3. Así las cosas, no se advierte una conducta deliberada, irrazonable y reprochable adoptada por la Homóloga de Casación Penal. Antes bien, esta Sala encuentra que la decisión cuestionada está fundada en una amplia motivación. De manera puntual, la Sala de Casación Penal expuso varias imposibilidades jurídicas, que “tornan imposible el cumplimiento” (Cort. Const. C-SU-034 de 2018). Así las cosas, no se reconocerá el incumplimiento que se reclama. Por ello, no se adoptará decisión alguna sobre el particular.
III. DECISIÓN
En mérito de lo expuesto, la Sala de Casación Civil de la Corte Suprema de Justicia RESUELVE:
PRIMERO: ABSTENERSE de adoptar decisión alguna respecto del cumplimiento del fallo de tutela reclamado.
SEGUNDO: ORDENAR que, por la Secretaría de la Sala, se remitan las presentes diligencias a la Corte Constitucional.
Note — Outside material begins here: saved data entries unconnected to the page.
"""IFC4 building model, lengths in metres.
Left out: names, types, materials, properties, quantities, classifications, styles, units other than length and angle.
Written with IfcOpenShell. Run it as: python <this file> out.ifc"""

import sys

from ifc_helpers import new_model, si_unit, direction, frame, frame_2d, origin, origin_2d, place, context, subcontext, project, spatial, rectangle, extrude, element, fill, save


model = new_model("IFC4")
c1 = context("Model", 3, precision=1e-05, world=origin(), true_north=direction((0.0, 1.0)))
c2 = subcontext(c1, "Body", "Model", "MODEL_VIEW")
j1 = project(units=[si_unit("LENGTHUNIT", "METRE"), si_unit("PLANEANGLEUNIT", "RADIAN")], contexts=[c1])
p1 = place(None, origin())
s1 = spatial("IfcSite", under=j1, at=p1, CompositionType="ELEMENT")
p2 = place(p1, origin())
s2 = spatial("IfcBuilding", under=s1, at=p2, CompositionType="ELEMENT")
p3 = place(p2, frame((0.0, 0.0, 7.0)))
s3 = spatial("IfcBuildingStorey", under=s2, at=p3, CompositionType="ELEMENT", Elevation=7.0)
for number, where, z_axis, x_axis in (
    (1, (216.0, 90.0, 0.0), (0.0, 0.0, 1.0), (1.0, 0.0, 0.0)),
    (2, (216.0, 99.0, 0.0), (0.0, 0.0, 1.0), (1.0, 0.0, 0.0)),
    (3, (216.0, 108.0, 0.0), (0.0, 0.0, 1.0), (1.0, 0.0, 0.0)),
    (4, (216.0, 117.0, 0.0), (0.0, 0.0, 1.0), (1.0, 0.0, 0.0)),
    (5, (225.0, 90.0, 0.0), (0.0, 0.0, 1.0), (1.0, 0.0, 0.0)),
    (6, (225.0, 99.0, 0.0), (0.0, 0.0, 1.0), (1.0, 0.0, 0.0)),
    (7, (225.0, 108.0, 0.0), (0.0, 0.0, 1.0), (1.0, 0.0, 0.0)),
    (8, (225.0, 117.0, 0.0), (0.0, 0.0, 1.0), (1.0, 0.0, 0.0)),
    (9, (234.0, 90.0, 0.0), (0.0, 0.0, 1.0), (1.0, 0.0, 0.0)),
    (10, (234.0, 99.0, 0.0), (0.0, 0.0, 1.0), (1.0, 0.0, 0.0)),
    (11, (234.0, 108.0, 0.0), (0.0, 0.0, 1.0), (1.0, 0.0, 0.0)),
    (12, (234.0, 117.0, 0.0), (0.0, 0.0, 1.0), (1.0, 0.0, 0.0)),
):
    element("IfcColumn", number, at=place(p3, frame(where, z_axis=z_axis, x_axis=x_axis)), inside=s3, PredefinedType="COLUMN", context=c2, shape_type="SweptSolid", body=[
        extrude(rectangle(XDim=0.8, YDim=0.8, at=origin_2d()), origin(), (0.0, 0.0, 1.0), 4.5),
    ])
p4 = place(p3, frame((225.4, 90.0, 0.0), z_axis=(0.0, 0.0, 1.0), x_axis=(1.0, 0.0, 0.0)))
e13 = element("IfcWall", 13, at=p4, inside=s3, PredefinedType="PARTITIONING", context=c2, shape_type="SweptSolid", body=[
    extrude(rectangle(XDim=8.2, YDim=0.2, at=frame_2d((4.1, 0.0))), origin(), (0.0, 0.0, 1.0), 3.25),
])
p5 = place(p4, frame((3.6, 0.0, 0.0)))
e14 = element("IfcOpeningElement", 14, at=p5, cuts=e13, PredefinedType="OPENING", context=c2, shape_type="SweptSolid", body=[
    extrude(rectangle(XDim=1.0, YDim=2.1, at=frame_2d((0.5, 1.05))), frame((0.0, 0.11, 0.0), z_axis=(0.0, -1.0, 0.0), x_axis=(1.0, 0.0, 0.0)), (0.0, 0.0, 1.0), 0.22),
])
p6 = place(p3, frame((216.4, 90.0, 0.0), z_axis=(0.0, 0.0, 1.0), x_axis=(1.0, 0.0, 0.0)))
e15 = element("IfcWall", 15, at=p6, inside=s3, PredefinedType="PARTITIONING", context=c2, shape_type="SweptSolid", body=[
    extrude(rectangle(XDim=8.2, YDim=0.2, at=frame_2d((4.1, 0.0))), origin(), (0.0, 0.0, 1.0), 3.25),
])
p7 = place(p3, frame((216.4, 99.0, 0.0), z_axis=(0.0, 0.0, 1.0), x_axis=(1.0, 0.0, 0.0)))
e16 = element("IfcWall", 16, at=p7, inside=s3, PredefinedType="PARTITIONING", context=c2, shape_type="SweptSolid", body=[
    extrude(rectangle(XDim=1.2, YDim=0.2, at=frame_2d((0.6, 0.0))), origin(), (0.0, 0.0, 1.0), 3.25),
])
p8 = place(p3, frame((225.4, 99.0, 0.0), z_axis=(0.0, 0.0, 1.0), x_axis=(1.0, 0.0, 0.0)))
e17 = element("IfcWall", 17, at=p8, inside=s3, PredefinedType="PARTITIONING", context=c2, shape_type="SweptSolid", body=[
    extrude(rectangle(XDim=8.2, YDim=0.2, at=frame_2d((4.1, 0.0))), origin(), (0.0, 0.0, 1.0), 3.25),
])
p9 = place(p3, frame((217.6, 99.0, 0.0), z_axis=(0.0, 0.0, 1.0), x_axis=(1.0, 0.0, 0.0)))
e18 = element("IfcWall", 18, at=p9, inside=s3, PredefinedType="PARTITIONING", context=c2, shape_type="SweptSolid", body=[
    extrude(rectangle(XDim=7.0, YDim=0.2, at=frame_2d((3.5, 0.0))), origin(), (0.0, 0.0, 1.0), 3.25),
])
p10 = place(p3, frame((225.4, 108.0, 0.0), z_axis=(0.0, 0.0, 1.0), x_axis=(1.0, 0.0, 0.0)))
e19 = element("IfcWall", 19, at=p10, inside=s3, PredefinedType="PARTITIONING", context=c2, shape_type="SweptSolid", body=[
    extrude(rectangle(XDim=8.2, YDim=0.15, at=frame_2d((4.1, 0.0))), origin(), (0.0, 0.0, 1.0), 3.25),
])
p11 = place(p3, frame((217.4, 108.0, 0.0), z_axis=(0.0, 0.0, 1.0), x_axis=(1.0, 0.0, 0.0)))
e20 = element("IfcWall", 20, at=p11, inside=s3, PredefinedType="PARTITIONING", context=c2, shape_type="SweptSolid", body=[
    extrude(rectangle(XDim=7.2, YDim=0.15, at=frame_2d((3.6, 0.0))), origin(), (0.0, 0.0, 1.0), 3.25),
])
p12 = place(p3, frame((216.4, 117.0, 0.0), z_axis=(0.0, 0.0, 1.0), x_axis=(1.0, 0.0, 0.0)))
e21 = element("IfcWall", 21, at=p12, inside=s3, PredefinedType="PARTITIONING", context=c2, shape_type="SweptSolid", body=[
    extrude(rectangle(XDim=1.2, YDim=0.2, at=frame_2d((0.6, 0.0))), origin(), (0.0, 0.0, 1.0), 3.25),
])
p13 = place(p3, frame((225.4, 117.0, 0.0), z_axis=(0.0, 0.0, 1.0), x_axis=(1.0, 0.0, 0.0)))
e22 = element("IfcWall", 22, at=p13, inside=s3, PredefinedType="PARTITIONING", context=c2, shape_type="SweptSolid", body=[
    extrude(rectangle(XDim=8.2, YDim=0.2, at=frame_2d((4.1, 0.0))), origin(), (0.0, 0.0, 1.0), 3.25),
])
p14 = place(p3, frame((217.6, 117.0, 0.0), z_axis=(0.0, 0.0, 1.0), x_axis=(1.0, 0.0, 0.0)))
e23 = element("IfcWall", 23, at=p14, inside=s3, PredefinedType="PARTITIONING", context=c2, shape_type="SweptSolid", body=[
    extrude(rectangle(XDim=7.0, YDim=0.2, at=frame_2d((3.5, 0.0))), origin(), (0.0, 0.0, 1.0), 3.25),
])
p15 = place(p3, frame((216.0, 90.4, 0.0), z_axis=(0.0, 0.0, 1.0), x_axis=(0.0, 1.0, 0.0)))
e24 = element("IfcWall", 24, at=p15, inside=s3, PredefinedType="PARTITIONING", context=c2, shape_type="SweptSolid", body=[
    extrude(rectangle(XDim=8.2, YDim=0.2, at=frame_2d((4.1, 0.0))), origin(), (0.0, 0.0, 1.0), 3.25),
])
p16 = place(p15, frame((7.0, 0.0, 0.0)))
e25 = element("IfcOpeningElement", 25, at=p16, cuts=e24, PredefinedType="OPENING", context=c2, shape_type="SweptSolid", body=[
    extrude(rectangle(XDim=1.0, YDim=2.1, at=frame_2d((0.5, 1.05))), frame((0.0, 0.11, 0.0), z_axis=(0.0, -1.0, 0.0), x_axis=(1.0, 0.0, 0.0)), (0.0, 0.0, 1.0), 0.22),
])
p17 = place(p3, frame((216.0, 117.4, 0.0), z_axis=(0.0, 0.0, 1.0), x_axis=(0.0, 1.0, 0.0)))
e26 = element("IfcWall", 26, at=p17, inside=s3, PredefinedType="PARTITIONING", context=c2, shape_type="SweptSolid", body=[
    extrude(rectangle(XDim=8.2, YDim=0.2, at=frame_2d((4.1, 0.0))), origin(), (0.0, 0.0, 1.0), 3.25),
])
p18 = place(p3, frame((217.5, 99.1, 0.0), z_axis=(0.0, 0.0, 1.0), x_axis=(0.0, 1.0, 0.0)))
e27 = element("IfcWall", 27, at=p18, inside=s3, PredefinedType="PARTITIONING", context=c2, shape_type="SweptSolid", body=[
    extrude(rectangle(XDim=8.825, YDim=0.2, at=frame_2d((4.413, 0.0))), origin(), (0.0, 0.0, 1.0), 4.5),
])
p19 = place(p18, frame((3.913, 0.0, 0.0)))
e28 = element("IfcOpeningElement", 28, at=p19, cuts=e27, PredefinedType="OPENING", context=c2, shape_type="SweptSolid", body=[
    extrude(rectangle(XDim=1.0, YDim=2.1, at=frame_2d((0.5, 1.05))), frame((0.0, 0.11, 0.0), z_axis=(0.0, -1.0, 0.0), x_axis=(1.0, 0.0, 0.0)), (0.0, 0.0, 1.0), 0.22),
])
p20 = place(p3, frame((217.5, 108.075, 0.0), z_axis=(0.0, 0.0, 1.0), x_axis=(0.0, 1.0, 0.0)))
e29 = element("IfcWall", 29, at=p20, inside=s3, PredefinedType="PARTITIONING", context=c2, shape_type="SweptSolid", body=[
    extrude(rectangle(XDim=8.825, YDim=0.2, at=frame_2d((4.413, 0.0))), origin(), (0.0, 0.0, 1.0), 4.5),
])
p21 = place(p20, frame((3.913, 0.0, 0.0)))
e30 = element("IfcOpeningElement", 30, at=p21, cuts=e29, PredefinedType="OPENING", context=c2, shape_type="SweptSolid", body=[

TECERO: Por secretaría, comuníquese por el medio más expedido, lo aquí resuelto a los interesados y devuélvase las presentes diligencias a la oficina de origen.
NOTIFÍQUESE Y CÚMPLASE
FRANCISCO TERNERA BARRIOS
Presidente de Sala
ÁLVARO FERNANDO GARCÍA RESTREPO
HILDA GONZÁLEZ NEIRA
AROLDO WILSON QUIROZ MONSALVO
LUIS ALONSO RICO PUERTA
OCTAVIO AUGUSTO TEJEIRO DUQUE
LUIS ARMANDO TOLOSA VILLABONA
1 Inicialmente había sido proferida el 17 de junio de 2020, pero se anuló, mediante proveído del 6 de julio siguiente.
3 «El 16 de julio de los corrientes, el suscrito se declaró impedido para conocer del asunto. Por autos del 23, 26 y 29 de julio y 2, 3 y 6 de agosto del presente año, los restantes magistrados manifestaron no estar incursos en causal de impedimento alguna. Mediante proveído ATC1250-2021 del 26 de agosto, la Sala decidió no aceptar el impedimento declarado por el suscrito».
4 Requerimiento efectuado, en su momento, por el Consejo Seccional de la Judicatura de Bogotá, lo cual dio lugar a la respuesta del 13 de noviembre de 2020, por parte de la Sala accionada.